Frequently Asked Questions (FAQs)
What Are the Common Challenges in Using Cloud Data Management Software?
Using cloud data management software might present issues, such as data egress prices imposed by providers when transferring or restoring data, which are designed to discourage data removal. Also, despite the cloud’s cost-effective brand, keeping huge amounts of data in cloud data lakes or databases can be expensive. This can affect your budgeting and data management techniques.
What’s the Difference Between Cloud Data Management & Traditional Data Management?
Traditional data management relies on on-premise hardware and IT infrastructure, which limits scalability and increases upfront expenses. Cloud data management makes use of cloud platforms to enable dynamic scalability, improved disaster recovery, and flexible data access without requiring large infrastructure expenditures to boost data agility.
What Are the Common Compliance Standards in Securing Cloud Data?
Here are some of the key data compliance regulations and standards for securing cloud data:
- SOC 1: Focuses on internal controls over financial reporting.
- SOC 2: Evaluates data security, availability, integrity, confidentiality, and privacy.
- HIPAA: Protects health information privacy and security.
- GDPR: Safeguards EU residents’ personal information.
- CCPA: Provides Californians with control over their personal information.
- PCI DSS: Ensures the secure handling of credit card information.
- ISO/IEC 27001: Governs information security.
- FedRAMP: Standardizes security for cloud services that interact with federal agencies.
Bottom Line: Securely Manage Your Cloud Data
Cloud data management makes data handling easier for both organizations and individuals.
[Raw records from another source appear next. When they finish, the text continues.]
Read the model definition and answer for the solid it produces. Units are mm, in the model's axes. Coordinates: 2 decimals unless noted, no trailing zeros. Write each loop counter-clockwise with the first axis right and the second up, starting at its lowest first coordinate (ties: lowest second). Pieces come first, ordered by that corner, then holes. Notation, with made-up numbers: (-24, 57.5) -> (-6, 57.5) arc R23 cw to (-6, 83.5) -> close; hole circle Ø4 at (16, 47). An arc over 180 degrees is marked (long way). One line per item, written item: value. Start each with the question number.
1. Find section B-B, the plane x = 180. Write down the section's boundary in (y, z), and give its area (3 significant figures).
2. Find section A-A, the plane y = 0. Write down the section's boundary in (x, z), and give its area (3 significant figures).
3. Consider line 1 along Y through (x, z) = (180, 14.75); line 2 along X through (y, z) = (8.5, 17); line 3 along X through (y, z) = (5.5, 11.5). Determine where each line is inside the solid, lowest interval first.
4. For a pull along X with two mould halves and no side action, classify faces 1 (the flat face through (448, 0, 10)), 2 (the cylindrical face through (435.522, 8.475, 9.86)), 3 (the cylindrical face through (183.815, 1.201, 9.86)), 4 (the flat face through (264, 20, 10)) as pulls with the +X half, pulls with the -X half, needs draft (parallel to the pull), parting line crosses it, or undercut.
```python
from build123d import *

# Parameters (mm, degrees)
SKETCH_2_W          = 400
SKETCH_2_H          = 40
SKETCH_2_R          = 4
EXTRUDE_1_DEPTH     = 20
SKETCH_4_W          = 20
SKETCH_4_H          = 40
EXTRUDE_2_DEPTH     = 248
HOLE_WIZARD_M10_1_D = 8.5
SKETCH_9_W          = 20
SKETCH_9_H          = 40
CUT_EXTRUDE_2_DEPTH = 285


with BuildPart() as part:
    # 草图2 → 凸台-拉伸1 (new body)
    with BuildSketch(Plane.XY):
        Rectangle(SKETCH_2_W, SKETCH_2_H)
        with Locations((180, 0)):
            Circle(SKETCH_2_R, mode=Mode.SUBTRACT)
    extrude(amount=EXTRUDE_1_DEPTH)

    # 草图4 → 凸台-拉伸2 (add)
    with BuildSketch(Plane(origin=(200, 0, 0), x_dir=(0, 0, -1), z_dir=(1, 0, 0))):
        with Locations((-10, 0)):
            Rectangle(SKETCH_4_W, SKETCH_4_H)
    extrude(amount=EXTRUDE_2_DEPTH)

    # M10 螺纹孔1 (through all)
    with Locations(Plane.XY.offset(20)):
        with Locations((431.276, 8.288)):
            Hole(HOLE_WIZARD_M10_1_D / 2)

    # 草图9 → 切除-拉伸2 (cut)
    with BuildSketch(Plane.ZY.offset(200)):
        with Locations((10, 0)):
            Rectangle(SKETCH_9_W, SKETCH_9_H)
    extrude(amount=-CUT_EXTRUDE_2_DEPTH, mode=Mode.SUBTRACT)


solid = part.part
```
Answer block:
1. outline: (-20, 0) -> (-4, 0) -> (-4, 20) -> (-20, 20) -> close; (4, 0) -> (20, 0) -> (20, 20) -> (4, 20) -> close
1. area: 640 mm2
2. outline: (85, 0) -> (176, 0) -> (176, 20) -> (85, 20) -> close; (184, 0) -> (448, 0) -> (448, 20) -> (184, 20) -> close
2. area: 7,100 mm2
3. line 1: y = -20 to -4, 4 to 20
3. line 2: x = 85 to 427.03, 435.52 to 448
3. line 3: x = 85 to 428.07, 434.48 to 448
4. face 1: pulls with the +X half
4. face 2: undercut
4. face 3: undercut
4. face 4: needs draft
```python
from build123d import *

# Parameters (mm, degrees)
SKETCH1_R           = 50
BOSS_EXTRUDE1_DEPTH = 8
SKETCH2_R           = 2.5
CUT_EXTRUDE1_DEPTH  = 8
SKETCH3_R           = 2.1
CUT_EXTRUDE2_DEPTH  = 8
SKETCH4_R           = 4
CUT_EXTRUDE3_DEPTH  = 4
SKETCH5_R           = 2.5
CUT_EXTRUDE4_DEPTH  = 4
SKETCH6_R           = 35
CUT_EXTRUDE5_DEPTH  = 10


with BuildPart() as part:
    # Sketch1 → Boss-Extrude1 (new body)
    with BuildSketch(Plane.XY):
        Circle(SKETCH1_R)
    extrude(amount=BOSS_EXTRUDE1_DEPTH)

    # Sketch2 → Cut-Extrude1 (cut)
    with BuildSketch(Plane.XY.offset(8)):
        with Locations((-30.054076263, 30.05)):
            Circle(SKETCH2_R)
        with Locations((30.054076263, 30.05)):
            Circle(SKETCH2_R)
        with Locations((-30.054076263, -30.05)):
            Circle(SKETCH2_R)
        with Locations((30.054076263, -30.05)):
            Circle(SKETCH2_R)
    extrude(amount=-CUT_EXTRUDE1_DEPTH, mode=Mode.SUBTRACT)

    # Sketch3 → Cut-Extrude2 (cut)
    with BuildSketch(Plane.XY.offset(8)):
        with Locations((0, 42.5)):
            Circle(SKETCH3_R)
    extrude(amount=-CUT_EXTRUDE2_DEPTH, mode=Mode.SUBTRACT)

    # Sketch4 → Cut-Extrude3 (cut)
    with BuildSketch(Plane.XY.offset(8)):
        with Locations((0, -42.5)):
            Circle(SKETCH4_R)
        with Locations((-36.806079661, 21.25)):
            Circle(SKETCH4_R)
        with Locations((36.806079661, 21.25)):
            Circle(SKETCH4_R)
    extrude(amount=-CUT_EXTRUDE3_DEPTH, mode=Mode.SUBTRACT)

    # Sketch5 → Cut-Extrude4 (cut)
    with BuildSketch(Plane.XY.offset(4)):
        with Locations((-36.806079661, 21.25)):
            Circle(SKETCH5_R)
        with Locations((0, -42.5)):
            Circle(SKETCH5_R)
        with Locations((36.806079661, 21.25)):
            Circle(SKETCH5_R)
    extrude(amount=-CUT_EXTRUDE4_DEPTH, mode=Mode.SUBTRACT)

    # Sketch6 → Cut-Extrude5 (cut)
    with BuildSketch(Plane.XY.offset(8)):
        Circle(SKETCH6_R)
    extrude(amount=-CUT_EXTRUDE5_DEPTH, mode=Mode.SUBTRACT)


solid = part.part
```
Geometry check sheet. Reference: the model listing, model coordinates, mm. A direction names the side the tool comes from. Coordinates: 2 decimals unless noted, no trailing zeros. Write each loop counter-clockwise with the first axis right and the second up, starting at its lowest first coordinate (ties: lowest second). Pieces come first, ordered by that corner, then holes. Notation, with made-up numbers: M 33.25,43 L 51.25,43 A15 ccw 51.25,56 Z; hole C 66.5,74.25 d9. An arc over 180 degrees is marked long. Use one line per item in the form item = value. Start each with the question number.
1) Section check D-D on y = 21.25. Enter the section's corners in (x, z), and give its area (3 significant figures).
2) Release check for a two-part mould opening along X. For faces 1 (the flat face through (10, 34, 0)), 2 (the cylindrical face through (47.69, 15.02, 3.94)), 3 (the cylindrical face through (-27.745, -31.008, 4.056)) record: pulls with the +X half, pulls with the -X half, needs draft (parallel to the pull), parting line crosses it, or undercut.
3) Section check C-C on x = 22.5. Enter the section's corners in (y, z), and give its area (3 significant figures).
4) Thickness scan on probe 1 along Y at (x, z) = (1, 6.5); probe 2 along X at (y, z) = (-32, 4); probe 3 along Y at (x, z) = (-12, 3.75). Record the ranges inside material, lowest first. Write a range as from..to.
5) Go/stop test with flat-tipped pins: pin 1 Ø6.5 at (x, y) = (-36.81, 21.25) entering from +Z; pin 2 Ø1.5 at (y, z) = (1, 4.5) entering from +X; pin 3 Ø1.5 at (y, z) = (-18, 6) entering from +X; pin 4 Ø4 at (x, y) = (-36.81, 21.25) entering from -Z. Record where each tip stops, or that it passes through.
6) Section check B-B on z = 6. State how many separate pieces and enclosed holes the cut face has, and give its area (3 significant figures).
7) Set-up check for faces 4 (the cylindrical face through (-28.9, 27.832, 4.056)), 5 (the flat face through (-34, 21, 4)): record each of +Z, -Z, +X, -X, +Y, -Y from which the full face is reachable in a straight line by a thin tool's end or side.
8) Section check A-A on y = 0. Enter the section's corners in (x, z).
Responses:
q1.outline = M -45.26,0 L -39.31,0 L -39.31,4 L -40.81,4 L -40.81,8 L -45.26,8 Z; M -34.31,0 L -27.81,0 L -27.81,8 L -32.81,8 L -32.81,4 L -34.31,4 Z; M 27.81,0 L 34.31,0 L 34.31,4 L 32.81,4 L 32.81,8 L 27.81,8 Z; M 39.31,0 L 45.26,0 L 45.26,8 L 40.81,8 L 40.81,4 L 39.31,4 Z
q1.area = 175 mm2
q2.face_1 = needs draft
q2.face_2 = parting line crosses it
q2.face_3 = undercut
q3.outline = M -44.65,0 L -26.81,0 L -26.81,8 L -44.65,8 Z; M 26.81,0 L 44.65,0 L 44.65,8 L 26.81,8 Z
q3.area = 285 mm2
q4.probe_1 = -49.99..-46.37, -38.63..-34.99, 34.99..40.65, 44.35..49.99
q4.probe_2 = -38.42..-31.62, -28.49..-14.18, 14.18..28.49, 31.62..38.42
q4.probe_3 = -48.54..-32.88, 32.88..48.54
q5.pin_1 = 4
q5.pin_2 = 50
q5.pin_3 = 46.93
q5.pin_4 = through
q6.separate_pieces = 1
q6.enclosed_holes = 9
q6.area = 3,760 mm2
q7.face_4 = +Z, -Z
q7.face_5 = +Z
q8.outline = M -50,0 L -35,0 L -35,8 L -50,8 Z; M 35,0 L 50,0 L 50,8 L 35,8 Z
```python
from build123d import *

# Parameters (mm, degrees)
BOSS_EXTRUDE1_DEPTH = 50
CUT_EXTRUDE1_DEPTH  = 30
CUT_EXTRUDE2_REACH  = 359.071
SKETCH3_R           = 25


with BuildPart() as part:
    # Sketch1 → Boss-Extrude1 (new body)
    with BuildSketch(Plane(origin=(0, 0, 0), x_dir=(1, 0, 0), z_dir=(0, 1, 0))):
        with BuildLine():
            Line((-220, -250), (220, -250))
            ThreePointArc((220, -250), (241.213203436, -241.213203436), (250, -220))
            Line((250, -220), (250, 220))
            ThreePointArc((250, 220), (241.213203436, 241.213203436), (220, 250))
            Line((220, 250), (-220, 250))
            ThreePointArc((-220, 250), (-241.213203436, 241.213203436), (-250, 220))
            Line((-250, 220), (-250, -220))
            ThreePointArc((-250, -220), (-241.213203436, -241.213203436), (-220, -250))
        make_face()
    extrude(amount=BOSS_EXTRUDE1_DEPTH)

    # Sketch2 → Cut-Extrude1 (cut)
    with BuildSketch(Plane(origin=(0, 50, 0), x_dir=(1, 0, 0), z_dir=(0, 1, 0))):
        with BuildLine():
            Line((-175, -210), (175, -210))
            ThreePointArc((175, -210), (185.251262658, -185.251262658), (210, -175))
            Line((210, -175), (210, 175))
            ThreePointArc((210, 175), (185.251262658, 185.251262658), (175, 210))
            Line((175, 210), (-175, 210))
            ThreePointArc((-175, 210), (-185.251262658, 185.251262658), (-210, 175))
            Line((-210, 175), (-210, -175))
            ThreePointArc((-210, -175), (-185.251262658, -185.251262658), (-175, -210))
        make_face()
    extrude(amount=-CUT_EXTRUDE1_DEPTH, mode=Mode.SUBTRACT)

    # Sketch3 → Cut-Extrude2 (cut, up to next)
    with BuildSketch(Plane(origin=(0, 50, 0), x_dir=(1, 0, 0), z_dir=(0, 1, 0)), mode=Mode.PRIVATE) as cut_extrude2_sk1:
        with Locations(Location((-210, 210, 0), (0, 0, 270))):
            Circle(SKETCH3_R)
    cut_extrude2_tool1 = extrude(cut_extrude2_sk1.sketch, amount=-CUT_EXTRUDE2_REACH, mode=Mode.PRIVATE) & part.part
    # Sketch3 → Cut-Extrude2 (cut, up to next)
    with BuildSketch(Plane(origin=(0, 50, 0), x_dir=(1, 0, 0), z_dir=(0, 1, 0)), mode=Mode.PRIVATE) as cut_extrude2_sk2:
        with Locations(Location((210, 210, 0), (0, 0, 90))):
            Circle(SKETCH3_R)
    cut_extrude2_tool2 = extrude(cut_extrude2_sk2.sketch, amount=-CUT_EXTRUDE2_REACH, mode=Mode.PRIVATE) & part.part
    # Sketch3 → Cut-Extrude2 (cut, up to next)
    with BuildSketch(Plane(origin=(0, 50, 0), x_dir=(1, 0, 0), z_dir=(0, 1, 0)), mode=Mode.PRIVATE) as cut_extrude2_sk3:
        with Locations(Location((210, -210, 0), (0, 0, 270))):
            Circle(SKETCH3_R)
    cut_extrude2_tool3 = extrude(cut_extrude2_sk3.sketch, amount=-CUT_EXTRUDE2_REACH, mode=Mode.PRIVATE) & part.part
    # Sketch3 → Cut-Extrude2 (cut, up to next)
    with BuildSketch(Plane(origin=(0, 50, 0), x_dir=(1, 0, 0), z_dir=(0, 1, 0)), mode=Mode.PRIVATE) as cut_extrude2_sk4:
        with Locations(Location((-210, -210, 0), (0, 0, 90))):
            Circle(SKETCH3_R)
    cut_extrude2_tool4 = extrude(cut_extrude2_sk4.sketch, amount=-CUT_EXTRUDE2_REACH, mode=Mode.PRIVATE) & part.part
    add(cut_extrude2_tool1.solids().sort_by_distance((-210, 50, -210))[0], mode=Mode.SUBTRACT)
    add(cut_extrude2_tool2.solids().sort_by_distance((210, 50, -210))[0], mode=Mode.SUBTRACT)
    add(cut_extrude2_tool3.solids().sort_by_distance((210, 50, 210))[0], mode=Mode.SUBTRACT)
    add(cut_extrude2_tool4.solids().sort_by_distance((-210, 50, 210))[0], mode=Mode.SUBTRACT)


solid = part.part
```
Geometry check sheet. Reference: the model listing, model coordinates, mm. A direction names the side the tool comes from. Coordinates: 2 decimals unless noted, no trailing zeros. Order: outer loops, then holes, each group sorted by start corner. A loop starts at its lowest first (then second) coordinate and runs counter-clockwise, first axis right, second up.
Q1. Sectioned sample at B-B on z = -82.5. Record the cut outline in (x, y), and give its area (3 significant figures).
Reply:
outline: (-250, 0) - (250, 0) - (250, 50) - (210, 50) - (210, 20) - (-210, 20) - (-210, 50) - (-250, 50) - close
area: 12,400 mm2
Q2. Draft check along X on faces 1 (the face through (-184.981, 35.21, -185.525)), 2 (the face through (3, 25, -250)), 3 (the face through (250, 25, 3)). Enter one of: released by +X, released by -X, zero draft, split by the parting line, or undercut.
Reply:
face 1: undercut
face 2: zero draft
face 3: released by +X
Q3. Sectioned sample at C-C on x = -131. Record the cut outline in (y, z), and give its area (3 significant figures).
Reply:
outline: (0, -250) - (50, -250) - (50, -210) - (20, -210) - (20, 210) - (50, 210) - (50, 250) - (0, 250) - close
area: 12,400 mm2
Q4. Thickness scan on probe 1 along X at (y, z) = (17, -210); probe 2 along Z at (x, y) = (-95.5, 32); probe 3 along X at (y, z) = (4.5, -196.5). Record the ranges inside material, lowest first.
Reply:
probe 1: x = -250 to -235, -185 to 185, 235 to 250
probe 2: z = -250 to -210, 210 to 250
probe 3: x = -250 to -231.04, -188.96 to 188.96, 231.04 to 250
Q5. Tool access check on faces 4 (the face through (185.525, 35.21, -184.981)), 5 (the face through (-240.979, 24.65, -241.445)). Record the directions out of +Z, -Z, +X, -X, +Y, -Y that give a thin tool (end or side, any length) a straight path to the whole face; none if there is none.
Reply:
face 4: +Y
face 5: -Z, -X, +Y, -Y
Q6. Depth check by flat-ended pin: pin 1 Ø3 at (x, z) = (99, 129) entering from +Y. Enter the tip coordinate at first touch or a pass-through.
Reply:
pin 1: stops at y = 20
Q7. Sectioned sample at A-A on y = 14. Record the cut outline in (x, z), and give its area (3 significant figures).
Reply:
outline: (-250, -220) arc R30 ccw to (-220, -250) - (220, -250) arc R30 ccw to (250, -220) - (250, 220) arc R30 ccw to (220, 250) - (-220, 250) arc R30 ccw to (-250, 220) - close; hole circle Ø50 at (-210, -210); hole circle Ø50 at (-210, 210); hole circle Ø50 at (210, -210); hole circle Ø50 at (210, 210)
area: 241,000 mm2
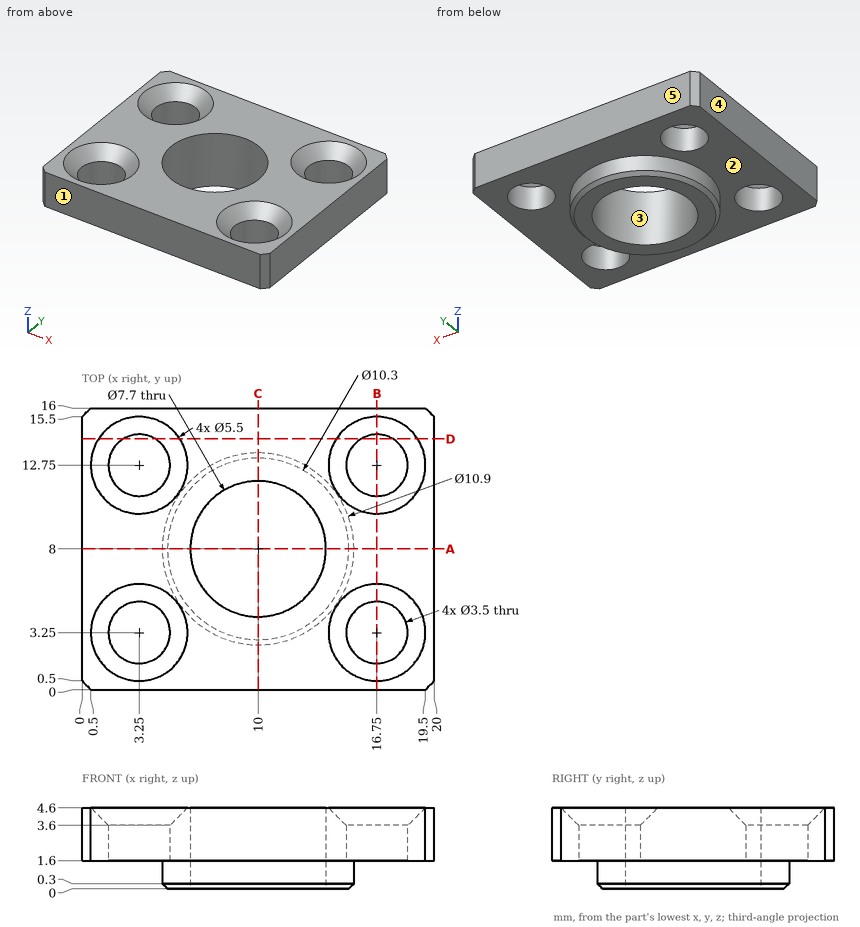
Study the drawing (mm; zero at the part's minimum x, y, z) and answer. A direction names the side the tool comes from. Coordinates: 2 decimals unless noted, no trailing zeros. Loops run counter-clockwise (first coordinate to the right, second up) from the corner with the lowest first, then second, coordinate; pieces in that order, holes last. Notation, with made-up numbers: (-2.75, 29.25) -> (40.25, 29.25) arc R19 ccw to (40.25, 57.25) -> close; hole circle Ø2 at (61.25, 73). An arc over 180 degrees is marked (long way). Write each question's results on one line, items separated by ' | '. Start each with the question number.
1) The mould has two halves that part along X. Classify the marked faces 3, 4 and 5: pulls with the +X half, pulls with the -X half, needs draft (parallel to the pull), parting line crosses it, or undercut.
2) Find section D-D on y = 14.25. Count the separate pieces of the cut face and the enclosed holes in it, then the cut area to 3 significant figures.
3) Find section C-C on x = 10. Determine the outline of the cut face in (y, z).
4) Flat-ended cylindrical pins translate along their axes: P1, Ø2, axis at x = 3.25, y = 12.75, coming from the -Z side; P2, Ø2, axis at x = 12.5, z = 1.5, coming from the +Y side; P3, Ø5.5, axis at x = 16.75, y = 3.25, coming from the -Z side. Find the tip coordinate at first contact, or state that the pin passes through.
5) Consider line 1 along Y through (x, z) = (16.75, 2.55); line 2 along X through (y, z) = (3, 2.2); line 3 along Y through (x, z) = (10, 1.4). Determine where each line is inside the solid, lowest interval first.
6) Find section A-A on y = 8. Determine the outline of the cut face in (x, z), then the cut area to 3 significant figures.
7) For the marked faces 1 and 2, determine the directions among +Z, -Z, +X, -X, +Y, -Y from which every point of the face is accessible in a straight line to the end or side of a thin tool.
8) Find section B-B on x = 16.75. Determine the outline of the cut face in (y, z).
Response values:
1) face 3: undercut | face 4: pulls with the -X half | face 5: needs draft
2) separate pieces: 3 | enclosed holes: 0 | area: 46.2 mm^2
3) outline: (0, 1.6) -> (2.55, 1.6) -> (2.55, 0.3) -> (2.85, 0) -> (4.15, 0) -> (4.15, 4.6) -> (0, 4.6) -> close; (11.85, 0) -> (13.15, 0) -> (13.45, 0.3) -> (13.45, 1.6) -> (16, 1.6) -> (16, 4.6) -> (11.85, 4.6) -> close
4) P1: passes through | P2: stops at y = 16 | P3: stops at z = 1.6
5) line 1: y = 0 to 1.5, 5 to 11, 14.5 to 16 | line 2: x = 0 to 1.52, 4.98 to 15.02, 18.48 to 20 | line 3: y = 2.55 to 4.15, 11.85 to 13.45
6) outline: (0, 1.6) -> (4.55, 1.6) -> (4.55, 0.3) -> (4.85, 0) -> (6.15, 0) -> (6.15, 4.6) -> (0, 4.6) -> close; (13.85, 0) -> (15.15, 0) -> (15.45, 0.3) -> (15.45, 1.6) -> (20, 1.6) -> (20, 4.6) -> (13.85, 4.6) -> close | area: 41.9 mm^2
7) face 1: +Z, -Z, +X, -X, -Y | face 2: -Z
8) outline: (0, 1.6) -> (1.5, 1.6) -> (1.5, 3.6) -> (0.5, 4.6) -> (0, 4.6) -> close; (5, 1.6) -> (11, 1.6) -> (11, 3.6) -> (10, 4.6) -> (6, 4.6) -> (5, 3.6) -> close; (14.5, 1.6) -> (16, 1.6) -> (16, 4.6) -> (15.5, 4.6) -> (14.5, 3.6) -> close

It maintains huge volumes of data on the cloud, adjusting to changing business needs with a diverse set of software and technologies available. When choosing the best solution, align your business needs with the software features, then take advantage of its free trials or plans to test its functionalities to make sure it seamlessly fits your business operations.
Employ a cloud security posture management (CSPM) tool to add another layer of security to your cloud data management solution.